Will We See 78-Year-Old Trans Artist, Jackie Shane, at The Grammys?

Alicia Keys will host the 61st annual Grammy Awards, the music industry’s biggest night that celebrates the best in the recording arts from the last year. As usual, the Grammy’s are sure to impress the millions watching at home with powerful performances. This year Lady Gaga, Dua Lipa, Brandi Carlile, Miley Cyrus, Janelle Monáe, and Ricky Martin will take the stage among many other talents. And hundreds of nominees will be anxiously awaiting to hear if they can snag the most coveted award in music. One such project that many may not have heard of involves an unsung hero who at the age of 78 has garnered her first Grammy Award nomination. Well, her music has at least. Her name, Jackie Shane.

Billboard recently shared an interview with Shane that tells the incredible history of the soul artist. Shane, who grew up in Nashville, is a black trans artist who was a star on the rise in the 1960s, selling out shows and nightclubs in Toronto. During a time in the world when being transgender didn’t even have a definition, many couldn’t grapple with the idea of gender identity, but Shane never had an issue with fans nor during her performances. She was part of a revolution that included people from all walks of life.

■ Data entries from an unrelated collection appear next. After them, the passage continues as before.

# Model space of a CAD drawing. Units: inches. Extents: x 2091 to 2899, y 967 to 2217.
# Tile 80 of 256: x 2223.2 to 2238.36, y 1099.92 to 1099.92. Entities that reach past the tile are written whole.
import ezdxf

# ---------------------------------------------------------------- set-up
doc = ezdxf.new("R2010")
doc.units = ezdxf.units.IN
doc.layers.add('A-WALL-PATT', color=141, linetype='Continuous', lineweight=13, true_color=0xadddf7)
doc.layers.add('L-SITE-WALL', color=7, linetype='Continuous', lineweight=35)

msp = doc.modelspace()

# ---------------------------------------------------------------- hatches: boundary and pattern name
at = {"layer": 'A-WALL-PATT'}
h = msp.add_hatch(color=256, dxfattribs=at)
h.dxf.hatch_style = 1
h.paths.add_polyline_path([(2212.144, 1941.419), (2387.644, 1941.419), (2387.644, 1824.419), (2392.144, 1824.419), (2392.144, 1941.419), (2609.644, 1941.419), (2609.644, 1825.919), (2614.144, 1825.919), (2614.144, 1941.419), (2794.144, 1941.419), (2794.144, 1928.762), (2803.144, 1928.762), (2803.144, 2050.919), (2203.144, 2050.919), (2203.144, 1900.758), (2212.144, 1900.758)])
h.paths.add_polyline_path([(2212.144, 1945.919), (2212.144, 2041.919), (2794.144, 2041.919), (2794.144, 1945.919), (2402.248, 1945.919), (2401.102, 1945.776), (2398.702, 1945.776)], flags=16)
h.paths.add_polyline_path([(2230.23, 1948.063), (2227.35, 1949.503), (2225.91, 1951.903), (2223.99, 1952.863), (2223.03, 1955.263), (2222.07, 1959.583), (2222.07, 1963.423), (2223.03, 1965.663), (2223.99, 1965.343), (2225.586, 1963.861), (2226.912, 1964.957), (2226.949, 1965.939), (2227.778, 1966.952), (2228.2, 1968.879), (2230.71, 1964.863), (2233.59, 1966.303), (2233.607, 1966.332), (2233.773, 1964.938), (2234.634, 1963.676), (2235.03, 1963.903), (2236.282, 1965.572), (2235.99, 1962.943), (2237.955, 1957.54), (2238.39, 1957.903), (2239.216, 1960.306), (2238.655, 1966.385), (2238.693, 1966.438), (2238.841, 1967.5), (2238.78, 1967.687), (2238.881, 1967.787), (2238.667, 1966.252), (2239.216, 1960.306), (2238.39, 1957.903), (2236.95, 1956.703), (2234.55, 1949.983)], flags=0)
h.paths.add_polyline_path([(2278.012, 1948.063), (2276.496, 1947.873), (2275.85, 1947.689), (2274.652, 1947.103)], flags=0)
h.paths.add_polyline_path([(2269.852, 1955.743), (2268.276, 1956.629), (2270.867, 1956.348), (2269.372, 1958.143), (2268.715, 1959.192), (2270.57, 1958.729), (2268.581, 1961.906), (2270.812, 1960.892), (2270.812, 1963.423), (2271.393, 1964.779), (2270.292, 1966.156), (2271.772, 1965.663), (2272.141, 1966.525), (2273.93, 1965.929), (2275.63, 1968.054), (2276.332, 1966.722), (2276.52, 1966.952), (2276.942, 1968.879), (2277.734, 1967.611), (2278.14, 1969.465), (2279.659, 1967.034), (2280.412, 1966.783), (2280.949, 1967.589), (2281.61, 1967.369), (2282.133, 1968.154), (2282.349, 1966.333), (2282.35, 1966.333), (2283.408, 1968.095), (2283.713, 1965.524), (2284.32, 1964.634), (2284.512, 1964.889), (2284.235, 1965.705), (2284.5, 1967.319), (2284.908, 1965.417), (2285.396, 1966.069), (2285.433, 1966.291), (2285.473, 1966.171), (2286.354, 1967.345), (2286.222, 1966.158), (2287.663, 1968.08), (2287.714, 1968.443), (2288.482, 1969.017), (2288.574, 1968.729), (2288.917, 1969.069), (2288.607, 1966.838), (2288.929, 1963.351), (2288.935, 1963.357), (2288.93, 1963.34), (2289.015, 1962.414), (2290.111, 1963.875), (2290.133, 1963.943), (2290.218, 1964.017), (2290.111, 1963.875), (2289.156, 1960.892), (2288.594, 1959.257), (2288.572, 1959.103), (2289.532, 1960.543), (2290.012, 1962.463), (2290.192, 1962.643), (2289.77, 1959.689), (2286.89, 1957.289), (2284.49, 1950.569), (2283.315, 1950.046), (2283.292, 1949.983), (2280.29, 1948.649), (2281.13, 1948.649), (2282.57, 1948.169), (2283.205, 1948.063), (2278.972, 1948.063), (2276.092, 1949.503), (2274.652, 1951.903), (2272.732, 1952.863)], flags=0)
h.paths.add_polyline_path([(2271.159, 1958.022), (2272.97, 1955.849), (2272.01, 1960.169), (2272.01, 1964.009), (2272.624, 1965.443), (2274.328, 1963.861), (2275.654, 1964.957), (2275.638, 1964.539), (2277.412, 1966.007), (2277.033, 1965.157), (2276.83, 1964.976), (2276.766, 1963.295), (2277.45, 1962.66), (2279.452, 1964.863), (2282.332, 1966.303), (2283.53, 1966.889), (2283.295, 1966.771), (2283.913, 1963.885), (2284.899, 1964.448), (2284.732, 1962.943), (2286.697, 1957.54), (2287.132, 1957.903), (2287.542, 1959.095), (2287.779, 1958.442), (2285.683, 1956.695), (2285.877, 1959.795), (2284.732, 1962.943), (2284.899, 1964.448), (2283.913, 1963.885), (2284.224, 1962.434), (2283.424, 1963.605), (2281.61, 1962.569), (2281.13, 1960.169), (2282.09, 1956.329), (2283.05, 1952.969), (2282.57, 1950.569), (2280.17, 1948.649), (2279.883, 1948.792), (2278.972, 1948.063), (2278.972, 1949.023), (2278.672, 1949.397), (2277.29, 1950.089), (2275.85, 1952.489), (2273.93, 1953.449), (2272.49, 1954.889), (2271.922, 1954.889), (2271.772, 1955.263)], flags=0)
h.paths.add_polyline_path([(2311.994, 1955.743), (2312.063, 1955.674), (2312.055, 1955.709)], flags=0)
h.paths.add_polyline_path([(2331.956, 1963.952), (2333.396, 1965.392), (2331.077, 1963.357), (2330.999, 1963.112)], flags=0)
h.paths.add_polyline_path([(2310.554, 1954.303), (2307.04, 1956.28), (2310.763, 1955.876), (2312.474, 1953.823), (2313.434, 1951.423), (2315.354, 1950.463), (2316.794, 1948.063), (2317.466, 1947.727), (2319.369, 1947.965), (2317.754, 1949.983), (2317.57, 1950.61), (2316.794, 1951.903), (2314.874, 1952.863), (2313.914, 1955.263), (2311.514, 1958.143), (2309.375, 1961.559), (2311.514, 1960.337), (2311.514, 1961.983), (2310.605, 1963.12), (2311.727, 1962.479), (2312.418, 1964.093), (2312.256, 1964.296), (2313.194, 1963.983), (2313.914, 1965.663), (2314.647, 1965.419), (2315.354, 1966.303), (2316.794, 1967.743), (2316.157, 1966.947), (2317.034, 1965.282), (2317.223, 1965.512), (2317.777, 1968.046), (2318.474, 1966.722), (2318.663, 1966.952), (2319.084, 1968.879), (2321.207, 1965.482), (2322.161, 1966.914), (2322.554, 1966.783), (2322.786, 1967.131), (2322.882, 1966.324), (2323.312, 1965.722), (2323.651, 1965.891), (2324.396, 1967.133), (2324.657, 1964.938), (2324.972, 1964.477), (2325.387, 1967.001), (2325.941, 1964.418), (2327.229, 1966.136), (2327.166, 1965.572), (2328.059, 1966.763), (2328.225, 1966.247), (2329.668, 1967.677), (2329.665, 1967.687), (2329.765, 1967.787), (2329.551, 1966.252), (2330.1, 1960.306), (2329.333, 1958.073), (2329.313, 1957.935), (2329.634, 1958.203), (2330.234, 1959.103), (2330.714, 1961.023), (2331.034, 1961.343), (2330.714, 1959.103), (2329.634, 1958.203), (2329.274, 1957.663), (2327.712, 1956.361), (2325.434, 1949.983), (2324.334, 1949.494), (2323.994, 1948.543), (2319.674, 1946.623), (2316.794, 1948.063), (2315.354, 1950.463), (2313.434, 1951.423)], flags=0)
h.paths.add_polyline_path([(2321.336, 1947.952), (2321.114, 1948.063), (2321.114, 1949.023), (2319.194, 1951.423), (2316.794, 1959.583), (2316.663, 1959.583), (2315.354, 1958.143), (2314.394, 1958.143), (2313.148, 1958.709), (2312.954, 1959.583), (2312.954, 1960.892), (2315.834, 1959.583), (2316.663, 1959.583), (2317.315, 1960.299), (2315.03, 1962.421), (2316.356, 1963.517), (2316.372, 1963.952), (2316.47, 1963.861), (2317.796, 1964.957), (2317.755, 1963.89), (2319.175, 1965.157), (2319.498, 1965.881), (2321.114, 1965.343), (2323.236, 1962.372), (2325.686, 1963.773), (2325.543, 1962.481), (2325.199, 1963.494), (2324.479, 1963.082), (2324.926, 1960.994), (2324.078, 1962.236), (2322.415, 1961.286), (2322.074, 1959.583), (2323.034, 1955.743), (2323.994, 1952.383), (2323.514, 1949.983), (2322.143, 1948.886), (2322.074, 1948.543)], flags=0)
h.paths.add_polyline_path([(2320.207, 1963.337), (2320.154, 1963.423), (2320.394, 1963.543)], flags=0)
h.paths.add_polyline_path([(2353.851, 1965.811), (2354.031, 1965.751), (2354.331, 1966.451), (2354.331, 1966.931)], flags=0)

I started dressing [as a female] when I was 5. And they wondered how I could keep the high heels on with my feet so much smaller than the shoe. I would press forward and would, just like Mae West, throw myself from side to side. What I am simply saying is I could be no one else. Even in school, I never had any problems. People have accepted me.

But in 1971, she disappeared. No music, no records. Gone.

For many years people speculated that Shane had died and her records became a hot commodity because the person who could have been a legend was no more.

In 2010 the Canadian Broadcasting Company produced an audio documentary about Shane and soon she became the object of interest for many archivists and recording professionals.



When Shane was located in 2014 by Douglas Mcgowan, an A&R scout for archival record label Numero Group, she was living back in Nashville, where she was born in 1940. So started an ongoing relationship between Shane and Mcgown and others who began working on a two-disc set of her live and studio recordings that almost no one has ever heard. In 2017 her album, Any Other Way, was released and has now earned a Grammy Award nomination for best historical album this year.



Since 1971, Shane has led a very private life, but it was her relationship with her mother that ultimately led her to quit show business and tend to her widowed mother. She also described being too tired from the nightlife and wanting a break:

I needed to step back from it. Every night, two or three shows and concerts. I just felt I needed a break from it. I don’t know. Because it takes a lot out of you. I give all I can. You are really worn out when you walk off that stage.

Her life is still so private that those who have collaborated with her on Any Other Way have only spoken with her over the phone. But now that her album, a compilation of her music from the 60s and 70s, is nominated for this award, will Jackie Shane grace the world with her presence? Since the Best Historical Album is given to only producers and engineers, Rob Bowman, Rob Sevier, Ken Shipley, Jeff Lipton, and Maria Rice are all nominated with Douglas Mcgowan, but Jackie Shane, unfortunately does not get the award as the artist. Mcgowan has invited Shane to the awards ceremony as his guest.

In any case, Shane is excited to be able to share her music with the masses after so many decades:

It’s like my grandmamma would say, ‘Good things come to those who wait. All of the sudden it’s like people are saying, ‘Thank you, Jackie, for being out there and speaking when no one else did.’ No matter whether I initiated it or not, and I did not, this was the way that fate wanted it to be.

There is no confirmation that Jackie Shane will be present at the Grammy Awards, but here’s hoping she shows up being her fierce and funky self, strutting her stuff down that red carpet.

Any Other Way is available everywhere music is sold.